Q&A: The advantage of tax-free gifts for your children

March 6, 2009

A colleague told me I can give a certain amount of money, tax-free, to my kids each year. Is that true? Will it lower my taxes?

Q: A colleague told me I can give a certain amount of money, tax-free, to my kids each year. Is that true? Will it lower my taxes?

A: The annual federal gift tax exclusion allows you to give $13,000 in 2009 (up from $12,000 in 2008) per recipient to an unlimited number of recipients-including children-without incurring the federal gift tax. This exclusion allows you to distribute your property tax-free and potentially put your estate into a lower tax bracket.
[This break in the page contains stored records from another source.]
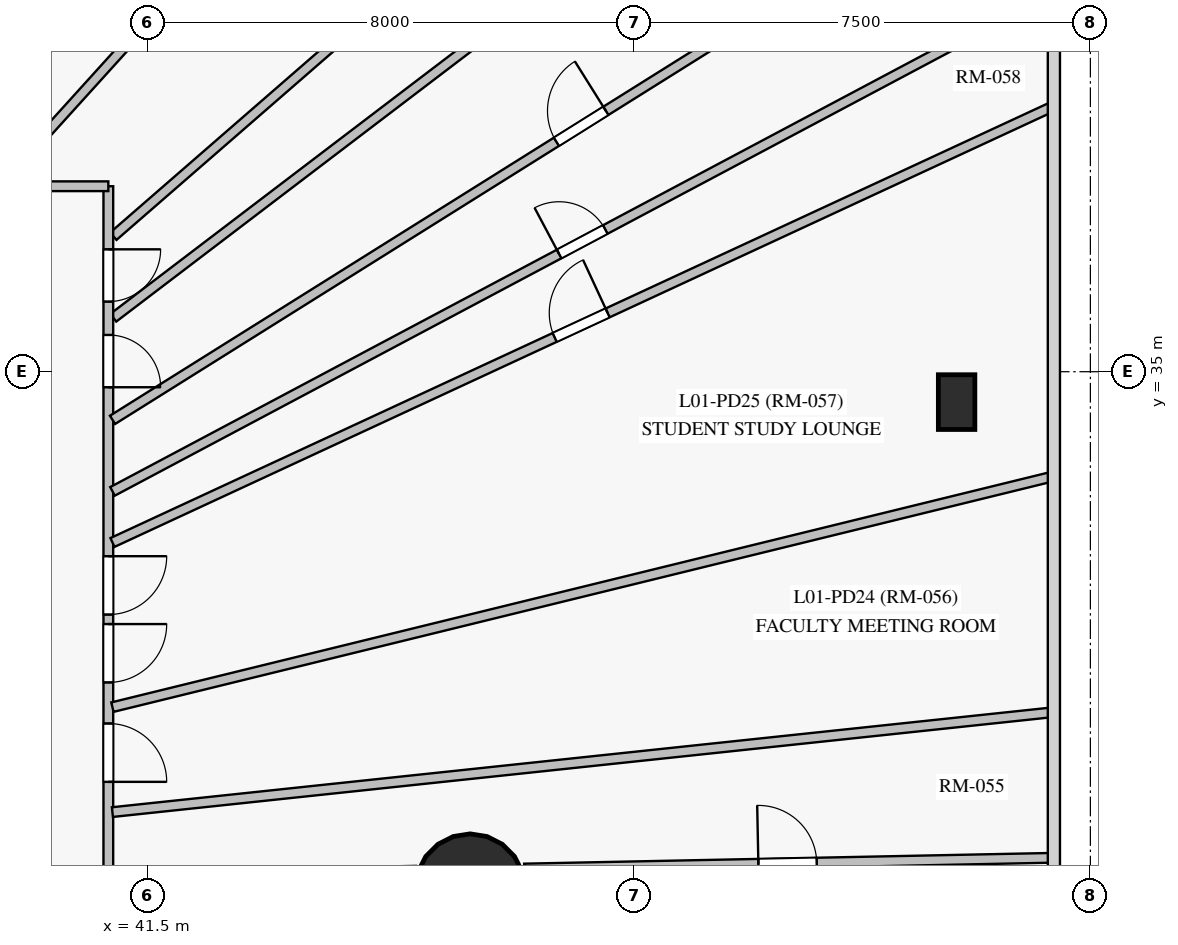
"""IFC4 building model, lengths in metres.
Left out: names, types, materials, properties, quantities, classifications, styles, units other than length and angle.
Written with IfcOpenShell. Run it as: python <this file> out.ifc"""

import sys

from ifc_helpers import new_model, si_unit, direction, frame, frame_2d, origin, origin_with_axes, origin_2d, place, context, subcontext, project, spatial, rectangle, circle, extrude, source, transform, mapped, element, fill, save


model = new_model("IFC4")
c1 = context("Model", 3, precision=1e-05, world=origin(), true_north=direction((0.0, 1.0)))
c2 = subcontext(c1, "Body", "Model", "MODEL_VIEW")
j1 = project(units=[si_unit("LENGTHUNIT", "METRE"), si_unit("PLANEANGLEUNIT", "RADIAN")], contexts=[c1])
p1 = place(None, origin())
s1 = spatial("IfcSite", under=j1, at=p1, CompositionType="ELEMENT")
p2 = place(p1, origin())
s2 = spatial("IfcBuilding", under=s1, at=p2, CompositionType="ELEMENT")
p3 = place(p2, frame((0.0, 0.0, 4.5)))
s3 = spatial("IfcBuildingStorey", under=s2, at=p3, CompositionType="ELEMENT", Elevation=4.5)
m1 = source(origin_with_axes(), c2, "Body", "SweptSolid", [
    extrude(circle(Radius=0.9, at=origin_2d()), origin(), (0.0, 0.0, 1.0), 4.5),
])
p4 = place(p3, frame((46.8, 26.5, 0.0), z_axis=(0.0, 0.0, 1.0), x_axis=(1.0, 0.0, 0.0)))
e1 = element("IfcColumn", 1, at=p4, inside=s3, PredefinedType="COLUMN", context=c2, shape_type="MappedRepresentation", body=[
    mapped(m1, transform((0.0, 0.0, 0.0), scale=1.0)),
])
m2 = source(origin_with_axes(), c2, "Body", "SweptSolid", [
    extrude(rectangle(XDim=0.6, YDim=0.9, at=origin_2d()), origin(), (0.0, 0.0, 1.0), 4.5),
])
p5 = place(p3, frame((54.8, 34.5, 0.0), z_axis=(0.0, 0.0, 1.0), x_axis=(1.0, 0.0, 0.0)))
e2 = element("IfcColumn", 2, at=p5, inside=s3, PredefinedType="PILASTER", context=c2, shape_type="MappedRepresentation", body=[
    mapped(m2, transform((0.0, 0.0, 0.0), scale=1.0)),
])
p6 = place(p3, frame((40.932, 37.227, 0.0), z_axis=(0.0, 0.0, 1.0), x_axis=(0.754711343855, 0.656057000158, 0.0)))
e3 = element("IfcWall", 3, at=p6, inside=s3, PredefinedType="PARTITIONING", context=c2, shape_type="SweptSolid", body=[
    extrude(rectangle(XDim=19.568, YDim=0.16, at=frame_2d((9.784, 0.0))), origin(), (0.0, 0.0, 1.0), 4.2),
])
p7 = place(p6, frame((9.291, 0.0, 0.0)))
e4 = element("IfcOpeningElement", 4, at=p7, cuts=e3, PredefinedType="OPENING", context=c2, shape_type="SweptSolid", body=[
    extrude(rectangle(XDim=0.96, YDim=2.15, at=frame_2d((0.48, 1.075))), frame((0.0, 0.09, 0.0), z_axis=(0.0, -1.0, 0.0), x_axis=(1.0, 0.0, 0.0)), (0.0, 0.0, 1.0), 0.18),
])
p8 = place(p3, frame((40.932, 35.888, 0.0), z_axis=(0.0, 0.0, 1.0), x_axis=(0.795705622, 0.605683550311, 0.0)))
e5 = element("IfcWall", 5, at=p8, inside=s3, PredefinedType="PARTITIONING", context=c2, shape_type="SweptSolid", body=[
    extrude(rectangle(XDim=19.392, YDim=0.16, at=frame_2d((9.696, 0.0))), origin(), (0.0, 0.0, 1.0), 4.2),
])
p9 = place(p8, frame((9.203, 0.0, 0.0)))
e6 = element("IfcOpeningElement", 6, at=p9, cuts=e5, PredefinedType="OPENING", context=c2, shape_type="SweptSolid", body=[
    extrude(rectangle(XDim=0.96, YDim=2.15, at=frame_2d((0.48, 1.075))), frame((0.0, 0.09, 0.0), z_axis=(0.0, -1.0, 0.0), x_axis=(1.0, 0.0, 0.0)), (0.0, 0.0, 1.0), 0.18),
])
p10 = place(p3, frame((40.85, 38.05, 0.0), z_axis=(0.0, 0.0, 1.0), x_axis=(0.0, -1.0, 0.0)))
e7 = element("IfcWall", 7, at=p10, inside=s3, PredefinedType="PARTITIONING", context=c2, shape_type="SweptSolid", body=[
    extrude(rectangle(XDim=18.508, YDim=0.16, at=frame_2d((9.254, 0.0))), origin(), (0.0, 0.0, 1.0), 3.25),
])
p11 = place(p10, frame((13.28, 0.0, 0.0)))
e8 = element("IfcOpeningElement", 8, at=p11, cuts=e7, PredefinedType="OPENING", context=c2, shape_type="SweptSolid", body=[
    extrude(rectangle(XDim=0.96, YDim=2.15, at=frame_2d((0.48, 1.075))), frame((0.0, 0.09, 0.0), z_axis=(0.0, -1.0, 0.0), x_axis=(1.0, 0.0, 0.0)), (0.0, 0.0, 1.0), 0.18),
])
p12 = place(p10, frame((11.636, 0.0, 0.0)))
e9 = element("IfcOpeningElement", 9, at=p12, cuts=e7, PredefinedType="OPENING", context=c2, shape_type="SweptSolid", body=[
    extrude(rectangle(XDim=0.96, YDim=2.15, at=frame_2d((0.48, 1.075))), frame((0.0, 0.09, 0.0), z_axis=(0.0, -1.0, 0.0), x_axis=(1.0, 0.0, 0.0)), (0.0, 0.0, 1.0), 0.18),
])
p13 = place(p10, frame((8.835, 0.0, 0.0)))
e10 = element("IfcOpeningElement", 10, at=p13, cuts=e7, PredefinedType="OPENING", context=c2, shape_type="SweptSolid", body=[
    extrude(rectangle(XDim=0.96, YDim=2.15, at=frame_2d((0.48, 1.075))), frame((0.0, 0.09, 0.0), z_axis=(0.0, -1.0, 0.0), x_axis=(1.0, 0.0, 0.0)), (0.0, 0.0, 1.0), 0.18),
])
p14 = place(p10, frame((6.084, 0.0, 0.0)))
e11 = element("IfcOpeningElement", 11, at=p14, cuts=e7, PredefinedType="OPENING", context=c2, shape_type="SweptSolid", body=[
    extrude(rectangle(XDim=0.96, YDim=2.15, at=frame_2d((0.48, 1.075))), frame((0.0, 0.09, 0.0), z_axis=(0.0, -1.0, 0.0), x_axis=(1.0, 0.0, 0.0)), (0.0, 0.0, 1.0), 0.18),
])
p15 = place(p10, frame((7.2, 0.0, 0.0)))
e12 = element("IfcOpeningElement", 12, at=p15, cuts=e7, PredefinedType="OPENING", context=c2, shape_type="SweptSolid", body=[
    extrude(rectangle(XDim=0.96, YDim=2.15, at=frame_2d((0.48, 1.075))), frame((0.0, 0.09, 0.0), z_axis=(0.0, -1.0, 0.0), x_axis=(1.0, 0.0, 0.0)), (0.0, 0.0, 1.0), 0.18),
])
p16 = place(p10, frame((2.446, 0.0, 0.0)))
e13 = element("IfcOpeningElement", 13, at=p16, cuts=e7, PredefinedType="OPENING", context=c2, shape_type="SweptSolid", body=[
    extrude(rectangle(XDim=0.86, YDim=2.04, at=frame_2d((0.43, 1.02))), frame((0.0, 0.09, 0.0), z_axis=(0.0, -1.0, 0.0), x_axis=(1.0, 0.0, 0.0)), (0.0, 0.0, 1.0), 0.18),
])
p17 = place(p10, frame((1.037, 0.0, 0.0)))
e14 = element("IfcOpeningElement", 14, at=p17, cuts=e7, PredefinedType="OPENING", context=c2, shape_type="SweptSolid", body=[
    extrude(rectangle(XDim=0.86, YDim=2.04, at=frame_2d((0.43, 1.02))), frame((0.0, 0.09, 0.0), z_axis=(0.0, -1.0, 0.0), x_axis=(1.0, 0.0, 0.0)), (0.0, 0.0, 1.0), 0.18),
])
p18 = place(p3, frame((40.919, 34.208, 0.0), z_axis=(0.0, 0.0, 1.0), x_axis=(0.847469594602, 0.530843937731, 0.0)))
e15 = element("IfcWall", 15, at=p18, inside=s3, PredefinedType="PARTITIONING", context=c2, shape_type="SweptSolid", body=[
    extrude(rectangle(XDim=18.226, YDim=0.16, at=frame_2d((9.113, 0.0))), origin(), (0.0, 0.0, 1.0), 4.2),
])
p19 = place(p18, frame((8.613, 0.0, 0.0)))
e16 = element("IfcOpeningElement", 16, at=p19, cuts=e15, PredefinedType="OPENING", context=c2, shape_type="SweptSolid", body=[
    extrude(rectangle(XDim=0.96, YDim=2.15, at=frame_2d((0.48, 1.075))), frame((0.0, 0.09, 0.0), z_axis=(0.0, -1.0, 0.0), x_axis=(1.0, 0.0, 0.0)), (0.0, 0.0, 1.0), 0.18),
])
p20 = place(p3, frame((40.919, 33.032, 0.0), z_axis=(0.0, 0.0, 1.0), x_axis=(0.883043074969, 0.469291942984, 0.0)))
e17 = element("IfcWall", 17, at=p20, inside=s3, PredefinedType="PARTITIONING", context=c2, shape_type="SweptSolid", body=[
    extrude(rectangle(XDim=17.495, YDim=0.16, at=frame_2d((8.748, 0.0))), origin(), (0.0, 0.0, 1.0), 4.2),
])
p21 = place(p20, frame((8.317, 0.0, 0.0)))
e18 = element("IfcOpeningElement", 18, at=p21, cuts=e17, PredefinedType="OPENING", context=c2, shape_type="SweptSolid", body=[
    extrude(rectangle(XDim=0.86, YDim=2.04, at=frame_2d((0.43, 1.02))), frame((0.0, 0.09, 0.0), z_axis=(0.0, -1.0, 0.0), x_axis=(1.0, 0.0, 0.0)), (0.0, 0.0, 1.0), 0.18),
])
p22 = place(p3, frame((40.918, 32.192, 0.0), z_axis=(0.0, 0.0, 1.0), x_axis=(0.907224152949, 0.420647520265, 0.0)))
e19 = element("IfcWall", 19, at=p22, inside=s3, PredefinedType="PARTITIONING", context=c2, shape_type="SweptSolid", body=[
    extrude(rectangle(XDim=17.031, YDim=0.16, at=frame_2d((8.515, 0.0))), origin(), (0.0, 0.0, 1.0), 4.2),
])
p23 = place(p22, frame((8.015, 0.0, 0.0)))
e20 = element("IfcOpeningElement", 20, at=p23, cuts=e19, PredefinedType="OPENING", context=c2, shape_type="SweptSolid", body=[
    extrude(rectangle(XDim=0.96, YDim=2.15, at=frame_2d((0.48, 1.075))), frame((0.0, 0.09, 0.0), z_axis=(0.0, -1.0, 0.0), x_axis=(1.0, 0.0, 0.0)), (0.0, 0.0, 1.0), 0.18),
])
p24 = place(p3, frame((40.917, 29.484, 0.0), z_axis=(0.0, 0.0, 1.0), x_axis=(0.97121044227, 0.238223166012, 0.0)))
e21 = element("IfcWall", 21, at=p24, inside=s3, PredefinedType="PARTITIONING", context=c2, shape_type="SweptSolid", body=[
    extrude(rectangle(XDim=15.914, YDim=0.16, at=frame_2d((7.957, 0.0))), origin(), (0.0, 0.0, 1.0), 3.7),
])
p25 = place(p3, frame((40.917, 27.758, 0.0), z_axis=(0.0, 0.0, 1.0), x_axis=(0.994413071603, 0.10555871838, 0.0)))
e22 = element("IfcWall", 22, at=p25, inside=s3, PredefinedType="PARTITIONING", context=c2, shape_type="SweptSolid", body=[
    extrude(rectangle(XDim=15.545, YDim=0.16, at=frame_2d((7.772, 0.0))), origin(), (0.0, 0.0, 1.0), 3.7),
])
p26 = place(p3, frame((25.4, 38.05, 0.0), z_axis=(0.0, 0.0, 1.0), x_axis=(1.0, 0.0, 0.0)))
e23 = element("IfcWall", 23, at=p26, inside=s3, PredefinedType="PARTITIONING", context=c2, shape_type="SweptSolid", body=[
    extrude(rectangle(XDim=15.45, YDim=0.16, at=frame_2d((7.725, 0.0))), origin(), (0.0, 0.0, 1.0), 4.2),
])
p27 = place(p26, frame((11.452, 0.0, 0.0)))
e24 = element("IfcOpeningElement", 24, at=p27, cuts=e23, PredefinedType="OPENING", context=c2, shape_type="SweptSolid", body=[
    extrude(rectangle(XDim=0.96, YDim=2.15, at=frame_2d((0.48, 1.075))), frame((0.0, 0.09, 0.0), z_axis=(0.0, -1.0, 0.0), x_axis=(1.0, 0.0, 0.0)), (0.0, 0.0, 1.0), 0.18),
])
p28 = place(p26, frame((7.59, 0.0, 0.0)))
e25 = element("IfcOpeningElement", 25, at=p28, cuts=e23, PredefinedType="OPENING", context=c2, shape_type="SweptSolid", body=[
    extrude(rectangle(XDim=0.96, YDim=2.15, at=frame_2d((0.48, 1.075))), frame((0.0, 0.09, 0.0), z_axis=(0.0, -1.0, 0.0), x_axis=(1.0, 0.0, 0.0)), (0.0, 0.0, 1.0), 0.18),
])
p29 = place(p26, frame((5.573, 0.0, 0.0)))
e26 = element("IfcOpeningElement", 26, at=p29, cuts=e23, PredefinedType="OPENING", context=c2, shape_type="SweptSolid", body=[
    extrude(rectangle(XDim=0.96, YDim=2.15, at=frame_2d((0.48, 1.075))), frame((0.0, 0.09, 0.0), z_axis=(0.0, -1.0, 0.0), x_axis=(1.0, 0.0, 0.0)), (0.0, 0.0, 1.0), 0.18),
])
p30 = place(p26, frame((3.528, 0.0, 0.0)))
e27 = element("IfcOpeningElement", 27, at=p30, cuts=e23, PredefinedType="OPENING", context=c2, shape_type="SweptSolid", body=[
    extrude(rectangle(XDim=0.96, YDim=2.15, at=frame_2d((0.48, 1.075))), frame((0.0, 0.09, 0.0), z_axis=(0.0, -1.0, 0.0), x_axis=(1.0, 0.0, 0.0)), (0.0, 0.0, 1.0), 0.18),
])
p31 = place(p3, frame((36.273, 38.132, 0.0), z_axis=(0.0, 0.0, 1.0), x_axis=(0.552038412562, 0.833818679963, 0.0)))
e28 = element("IfcWall", 28, at=p31, inside=s3, PredefinedType="PARTITIONING", context=c2, shape_type="SweptSolid", body=[
    extrude(rectangle(XDim=14.79, YDim=0.16, at=frame_2d((7.395, 0.0))), origin(), (0.0, 0.0, 1.0), 4.2),
])
p32 = place(p31, frame((6.903, 0.0, 0.0)))
e29 = element("IfcOpeningElement", 29, at=p32, cuts=e28, PredefinedType="OPENING", context=c2, shape_type="SweptSolid", body=[
    extrude(rectangle(XDim=0.96, YDim=2.15, at=frame_2d((0.48, 1.075))), frame((0.0, 0.09, 0.0), z_axis=(0.0, -1.0, 0.0), x_axis=(1.0, 0.0, 0.0)), (0.0, 0.0, 1.0), 0.18),
])
p33 = place(p3, frame((35.426, 38.119, 0.0), z_axis=(0.0, 0.0, 1.0), x_axis=(0.508185874547, 0.861247419103, 0.0)))
e30 = element("IfcWall", 30, at=p33, inside=s3, PredefinedType="PARTITIONING", context=c2, shape_type="SweptSolid", body=[
    extrude(rectangle(XDim=14.336, YDim=0.16, at=frame_2d((7.168, 0.0))), origin(), (0.0, 0.0, 1.0), 4.2),
])
p34 = place(p3, frame((39.114, 38.132, 0.0), z_axis=(0.0, 0.0, 1.0), x_axis=(0.671237186901, 0.741242631613, 0.0)))
e31 = element("IfcWall", 31, at=p34, inside=s3, PredefinedType="PARTITIONING", context=c2, shape_type="SweptSolid", body=[
    extrude(rectangle(XDim=10.124, YDim=0.16, at=frame_2d((5.062, 0.0))), origin(), (0.0, 0.0, 1.0), 4.2),
])
p35 = place(p34, frame((4.632, 0.0, 0.0)))
e32 = element("IfcOpeningElement", 32, at=p35, cuts=e31, PredefinedType="OPENING", context=c2, shape_type="SweptSolid", body=[
    extrude(rectangle(XDim=0.86, YDim=2.04, at=frame_2d((0.43, 1.02))), frame((0.0, 0.09, 0.0), z_axis=(0.0, -1.0, 0.0), x_axis=(1.0, 0.0, 0.0)), (0.0, 0.0, 1.0), 0.18),
])
p36 = place(p3, frame((47.69, 26.83, 0.0), z_axis=(0.0, 0.0, 1.0), x_axis=(0.999793534886, 0.02031963585, 0.0)))
e33 = element("IfcWall", 33, at=p36, inside=s3, PredefinedType="PARTITIONING", context=c2, shape_type="SweptSolid", body=[
    extrude(rectangle(XDim=8.687, YDim=0.16, at=frame_2d((4.343, 0.0))), origin(), (0.0, 0.0, 1.0), 3.7),
])
p37 = place(p36, frame((3.851, 0.0, 0.0)))
e34 = element("IfcOpeningElement", 34, at=p37, cuts=e33, PredefinedType="OPENING", context=c2, shape_type="SweptSolid", body=[
    extrude(rectangle(XDim=0.96, YDim=2.15, at=frame_2d((0.48, 1.075))), frame((0.0, 0.09, 0.0), z_axis=(0.0, -1.0, 0.0), x_axis=(1.0, 0.0, 0.0)), (0.0, 0.0, 1.0), 0.18),
])
m3 = source(origin_with_axes(), c2, "Body", "SweptSolid", [
    extrude(rectangle(XDim=0.96, YDim=2.15, at=frame_2d((0.48, 1.075))), frame((0.0, 0.025, 0.0), z_axis=(0.0, -1.0, 0.0), x_axis=(1.0, 0.0, 0.0)), (0.0, 0.0, 1.0), 0.05),
])
p38 = place(p37, origin())
e35 = element("IfcDoor", 35, at=p38, inside=s3, OperationType="SINGLE_SWING_LEFT", PredefinedType="DOOR", context=c2, shape_type="MappedRepresentation", body=[
    mapped(m3, transform((0.0, 0.0, 0.0), scale=1.0)),
])
fill(e34, e35)
p39 = place(p13, origin())
e36 = element("IfcDoor", 36, at=p39, inside=s3, OperationType="SINGLE_SWING_RIGHT", PredefinedType="DOOR", context=c2, shape_type="MappedRepresentation", body=[
    mapped(m3, transform((0.0, 0.0, 0.0), scale=1.0)),
])
fill(e10, e36)
p40 = place(p14, origin())
e37 = element("IfcDoor", 37, at=p40, inside=s3, OperationType="SINGLE_SWING_LEFT", PredefinedType="DOOR", context=c2, shape_type="MappedRepresentation", body=[
    mapped(m3, transform((0.0, 0.0, 0.0), scale=1.0)),
])
fill(e11, e37)
p41 = place(p23, origin())
e38 = element("IfcDoor", 38, at=p41, inside=s3, OperationType="SINGLE_SWING_RIGHT", PredefinedType="DOOR", context=c2, shape_type="MappedRepresentation", body=[
    mapped(m3, transform((0.0, 0.0, 0.0), scale=1.0)),
])
fill(e20, e38)
p42 = place(p15, origin())
e39 = element("IfcDoor", 39, at=p42, inside=s3, OperationType="SINGLE_SWING_LEFT", PredefinedType="DOOR", context=c2, shape_type="MappedRepresentation", body=[
    mapped(m3, transform((0.0, 0.0, 0.0), scale=1.0)),
])
fill(e12, e39)
p43 = place(p19, origin())
e40 = element("IfcDoor", 40, at=p43, inside=s3, OperationType="SINGLE_SWING_RIGHT", PredefinedType="DOOR", context=c2, shape_type="MappedRepresentation", body=[
    mapped(m3, transform((0.0, 0.0, 0.0), scale=1.0)),
])
fill(e16, e40)
m4 = source(origin_with_axes(), c2, "Body", "SweptSolid", [
    extrude(rectangle(XDim=0.86, YDim=2.04, at=frame_2d((0.43, 1.02))), frame((0.0, 0.025, 0.0), z_axis=(0.0, -1.0, 0.0), x_axis=(1.0, 0.0, 0.0)), (0.0, 0.0, 1.0), 0.05),
])
p44 = place(p21, origin())
e41 = element("IfcDoor", 41, at=p44, inside=s3, OperationType="SINGLE_SWING_LEFT", PredefinedType="DOOR", context=c2, shape_type="MappedRepresentation", body=[
    mapped(m4, transform((0.0, 0.0, 0.0), scale=1.0)),
])
fill(e18, e41)
p45 = place(p16, origin())
e42 = element("IfcDoor", 42, at=p45, inside=s3, OperationType="SINGLE_SWING_RIGHT", PredefinedType="DOOR", context=c2, shape_type="MappedRepresentation", body=[
    mapped(m4, transform((0.0, 0.0, 0.0), scale=1.0)),
])
fill(e13, e42)
p46 = place(p17, origin())
e43 = element("IfcDoor", 43, at=p46, inside=s3, OperationType="SINGLE_SWING_LEFT", PredefinedType="DOOR", context=c2, shape_type="MappedRepresentation", body=[
    mapped(m4, transform((0.0, 0.0, 0.0), scale=1.0)),
])
fill(e14, e43)
save(model, sys.argv[1])

The exclusion applies only to gifts of a present interest in property. For example, giving your daughter cash today would qualify, but giving her the right to have your house in three years would not. If you're married, gift-splitting can double the annual gift tax exclusion: You and your spouse can each give $13,000 to a child. To qualify, both you and your spouse must be U.S. citizens making the gift jointly. There is no income tax deduction for gifts made, and no income is recognized by the recipient. Because the income tax rate schedules are graduated, your total family federal and state income tax burden may be reduced if income-producing assets are distributed among several family members, rather than being held in your hands only. A word of caution: Your potential federal income tax savings from transferring income-producing property to your children may be reduced by the so-called "kiddie" tax. For 2009 taxpayers, unearned income (like interest and dividends) above $1,900 may be taxed at the parents' income tax rate. The "kiddie" tax rules apply to those under age 18, those age 18 whose earned income doesn't exceed one-half of their support, and those ages 19 to 23 who are full-time students and whose earned income doesn't exceed one-half of their support.